В сладкой музыке самовар, сверкает боками, конфорка точно корона, и такой родной, избяной дух точат бревна, так щурится кошка, намывая лапой гостей, что в горле у меня защемило.

Прикорнул я в уголке, усмиренный покойным избяным духом.

Очнулся будто от толчка. Где я? Что со мной?

— …Никому с Россией не совладать! — на хрипоту срывался Ширяев. — Расхомутались мы! Англичане, французы, Америка для нас один пш-шик!

— Рабочий класс, — стучал кулаком Степан-питерский по столешнице. — Во главе угла — пролетариат.

— Давно ли лаптем щи хлебал, пролетарьят? — качалась на стене ширяевская тень. — Я из деревни, ты из деревни в город ушел. Так что, крестьянство, по-твоему, в пристяжку? Не-е… Мужик, он коренной, поддужный!

Лысой головой никнет в миску с рыжиками старый ваган.

Махорочный чад слоится под потолком.

— Ширяев! — я сволокся с лавки. — Ширяев, ты посты выставил?

— Бр-рысь! Какие посты? Кругом Россия. Мы — поддужные!

Ничего нет противнее, как надевать размокшую обувь. От сырых портянок проняло меня дрожью.

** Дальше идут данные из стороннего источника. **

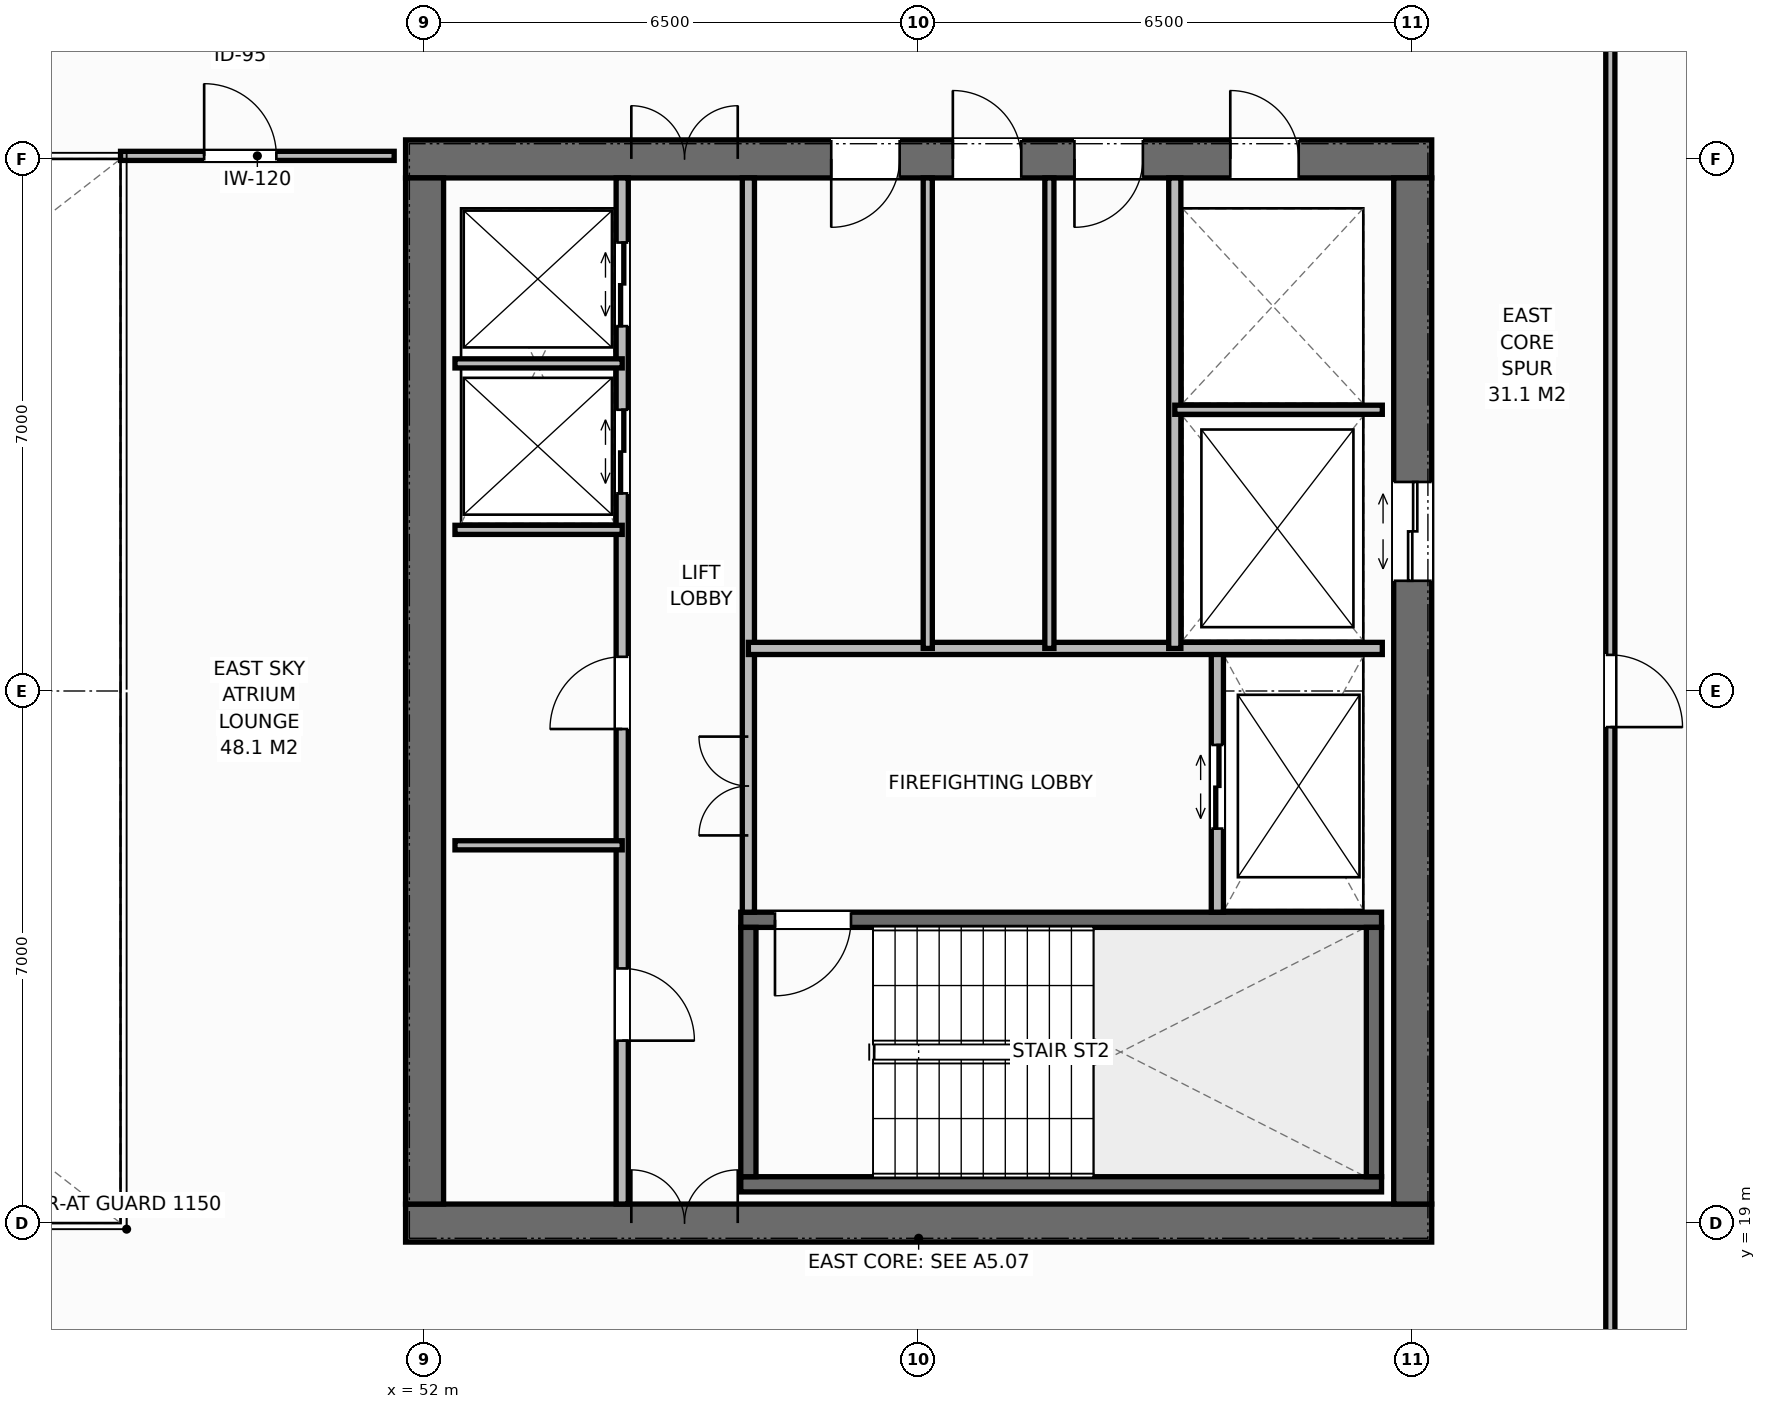
"""IFC4 building model, lengths in metres.
Left out: names, types, materials, properties, quantities, classifications, styles, units other than length and angle.
Written with IfcOpenShell. Run it as: python <this file> out.ifc"""

import sys

from ifc_helpers import new_model, si_unit, direction, frame, frame_2d, origin, place, context, subcontext, project, spatial, rectangle, extrude, element, fill, save


model = new_model("IFC4")
c1 = context("Model", 3, precision=1e-05, world=origin(), true_north=direction((0.0, 1.0)))
c2 = subcontext(c1, "Body", "Model", "MODEL_VIEW")
j1 = project(units=[si_unit("LENGTHUNIT", "METRE"), si_unit("PLANEANGLEUNIT", "RADIAN")], contexts=[c1])
p1 = place(None, origin())
s1 = spatial("IfcSite", under=j1, at=p1, CompositionType="ELEMENT")
p2 = place(p1, origin())
s2 = spatial("IfcBuilding", under=s1, at=p2, CompositionType="ELEMENT")
p3 = place(p2, frame((0.0, 0.0, 248.0)))
s3 = spatial("IfcBuildingStorey", under=s2, at=p3, CompositionType="ELEMENT", Elevation=248.0)
p4 = place(p3, frame((51.75, 19.0, 0.0), z_axis=(0.0, 0.0, 1.0), x_axis=(1.0, 0.0, 0.0)))
e1 = element("IfcWall", 1, at=p4, inside=s3, PredefinedType="SHEAR", context=c2, shape_type="SweptSolid", body=[
    extrude(rectangle(XDim=13.5, YDim=0.5, at=frame_2d((6.75, 0.0))), origin(), (0.0, 0.0, 1.0), 3.8),
])
p5 = place(p4, frame((2.97, 0.0, 0.0)))
e2 = element("IfcOpeningElement", 2, at=p5, cuts=e1, PredefinedType="OPENING", context=c2, shape_type="SweptSolid", body=[
    extrude(rectangle(XDim=1.4, YDim=2.2, at=frame_2d((0.7, 1.1))), frame((0.0, 0.26, 0.0), z_axis=(0.0, -1.0, 0.0), x_axis=(1.0, 0.0, 0.0)), (0.0, 0.0, 1.0), 0.52),
])
p6 = place(p3, frame((51.75, 33.0, 0.0), z_axis=(0.0, 0.0, 1.0), x_axis=(1.0, 0.0, 0.0)))
e3 = element("IfcWall", 3, at=p6, inside=s3, PredefinedType="SHEAR", context=c2, shape_type="SweptSolid", body=[
    extrude(rectangle(XDim=13.5, YDim=0.5, at=frame_2d((6.75, 0.0))), origin(), (0.0, 0.0, 1.0), 3.8),
])
p7 = place(p6, frame((2.97, 0.0, 0.0)))
e4 = element("IfcOpeningElement", 4, at=p7, cuts=e3, PredefinedType="OPENING", context=c2, shape_type="SweptSolid", body=[
    extrude(rectangle(XDim=1.4, YDim=2.2, at=frame_2d((0.7, 1.1))), frame((0.0, 0.26, 0.0), z_axis=(0.0, -1.0, 0.0), x_axis=(1.0, 0.0, 0.0)), (0.0, 0.0, 1.0), 0.52),
])
p8 = place(p6, frame((10.85, 0.0, 0.0)))
e5 = element("IfcOpeningElement", 5, at=p8, cuts=e3, PredefinedType="OPENING", context=c2, shape_type="SweptSolid", body=[
    extrude(rectangle(XDim=0.9, YDim=2.15, at=frame_2d((0.45, 1.075))), frame((0.0, 0.26, 0.0), z_axis=(0.0, -1.0, 0.0), x_axis=(1.0, 0.0, 0.0)), (0.0, 0.0, 1.0), 0.52),
])
p9 = place(p6, frame((5.6, 0.0, 0.0)))
e6 = element("IfcOpeningElement", 6, at=p9, cuts=e3, PredefinedType="OPENING", context=c2, shape_type="SweptSolid", body=[
    extrude(rectangle(XDim=0.9, YDim=2.15, at=frame_2d((0.45, 1.075))), frame((0.0, 0.26, 0.0), z_axis=(0.0, -1.0, 0.0), x_axis=(1.0, 0.0, 0.0)), (0.0, 0.0, 1.0), 0.52),
])
p10 = place(p6, frame((7.2, 0.0, 0.0)))
e7 = element("IfcOpeningElement", 7, at=p10, cuts=e3, PredefinedType="OPENING", context=c2, shape_type="SweptSolid", body=[
    extrude(rectangle(XDim=0.9, YDim=2.15, at=frame_2d((0.45, 1.075))), frame((0.0, 0.26, 0.0), z_axis=(0.0, -1.0, 0.0), x_axis=(1.0, 0.0, 0.0)), (0.0, 0.0, 1.0), 0.52),
])
p11 = place(p6, frame((8.8, 0.0, 0.0)))
e8 = element("IfcOpeningElement", 8, at=p11, cuts=e3, PredefinedType="OPENING", context=c2, shape_type="SweptSolid", body=[
    extrude(rectangle(XDim=0.9, YDim=2.15, at=frame_2d((0.45, 1.075))), frame((0.0, 0.26, 0.0), z_axis=(0.0, -1.0, 0.0), x_axis=(1.0, 0.0, 0.0)), (0.0, 0.0, 1.0), 0.52),
])
p12 = place(p3, frame((52.0, 19.25, 0.0), z_axis=(0.0, 0.0, 1.0), x_axis=(0.0, 1.0, 0.0)))
e9 = element("IfcWall", 9, at=p12, inside=s3, PredefinedType="SHEAR", context=c2, shape_type="SweptSolid", body=[
    extrude(rectangle(XDim=13.5, YDim=0.5, at=frame_2d((6.75, 0.0))), origin(), (0.0, 0.0, 1.0), 3.8),
])
p13 = place(p3, frame((65.0, 19.25, 0.0), z_axis=(0.0, 0.0, 1.0), x_axis=(0.0, 1.0, 0.0)))
e10 = element("IfcWall", 10, at=p13, inside=s3, PredefinedType="SHEAR", context=c2, shape_type="SweptSolid", body=[
    extrude(rectangle(XDim=13.5, YDim=0.5, at=frame_2d((6.75, 0.0))), origin(), (0.0, 0.0, 1.0), 3.8),
])
p14 = place(p13, frame((8.2, 0.0, 0.0)))
e11 = element("IfcOpeningElement", 11, at=p14, cuts=e10, PredefinedType="OPENING", context=c2, shape_type="SweptSolid", body=[
    extrude(rectangle(XDim=1.3, YDim=2.2, at=frame_2d((0.65, 1.1))), frame((0.0, 0.26, 0.0), z_axis=(0.0, -1.0, 0.0), x_axis=(1.0, 0.0, 0.0)), (0.0, 0.0, 1.0), 0.52),
])
p15 = place(p3, frame((56.16, 19.51, 0.0), z_axis=(0.0, 0.0, 1.0), x_axis=(1.0, 0.0, 0.0)))
e12 = element("IfcWall", 12, at=p15, inside=s3, PredefinedType="SHEAR", context=c2, shape_type="SweptSolid", body=[
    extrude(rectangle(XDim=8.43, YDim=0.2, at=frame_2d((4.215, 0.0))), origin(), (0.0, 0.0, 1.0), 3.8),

Выскользнул я к калитке.

— Ты, Федя? — спросили из темноты. — Совещаемся вот: скинуть надо Ширяева с командиров, на хмельное слаб.

Я к колодцу сбегал, воды принес. В горнице вытащил Ширяева из-за стола:

— Умойся.

Кое-как привел его в чувство.

— Федя… Малый! — Ширяев кашлял и ежился. — Даю зарок не пить. Урон революционному долгу от водки, говорю как сознательный и сочувствующий.

Алую полоску зажигал восход. Развиднялось. Дождь чуть крапал.

Не напрасно кошка намывала гостей: нагрянули незванно-непрошенно.

Нагрянули, паля из обрезов и горланя:

— Ура! Бей голодранцев!



Свистнула по окну пуля, лопнуло стекло, и потух задутый ворвавшимся предутренним холодом теплый, покойный избяной душок.

Мы залегли у калитки, залпами смяли, откинули горлопанов за огороды, за лысые бугры суходольного луга.

Все равно худо: патронов в обрез, измором нас возьмут.

Из конюшни Ширяев вывел мне лошадь:

— Скачи, малый. Авось прорвешься. Не тушуйся, мы поддержим.

— Куда ехать велишь?

— Хоть до самой Тоймы… К черту на рога! — вспылил Ширяев. — Исполняй приказ, не рассусоливай.

«Жиг! Жиг!» — жигали пули. Наперерез коню — девка, старикова дочь: «Стой!» Не она ли привела кулацкую банду? Не удержать ошалевшего под выстрелами коня, ударил ее грудью, упала под кованые копыта.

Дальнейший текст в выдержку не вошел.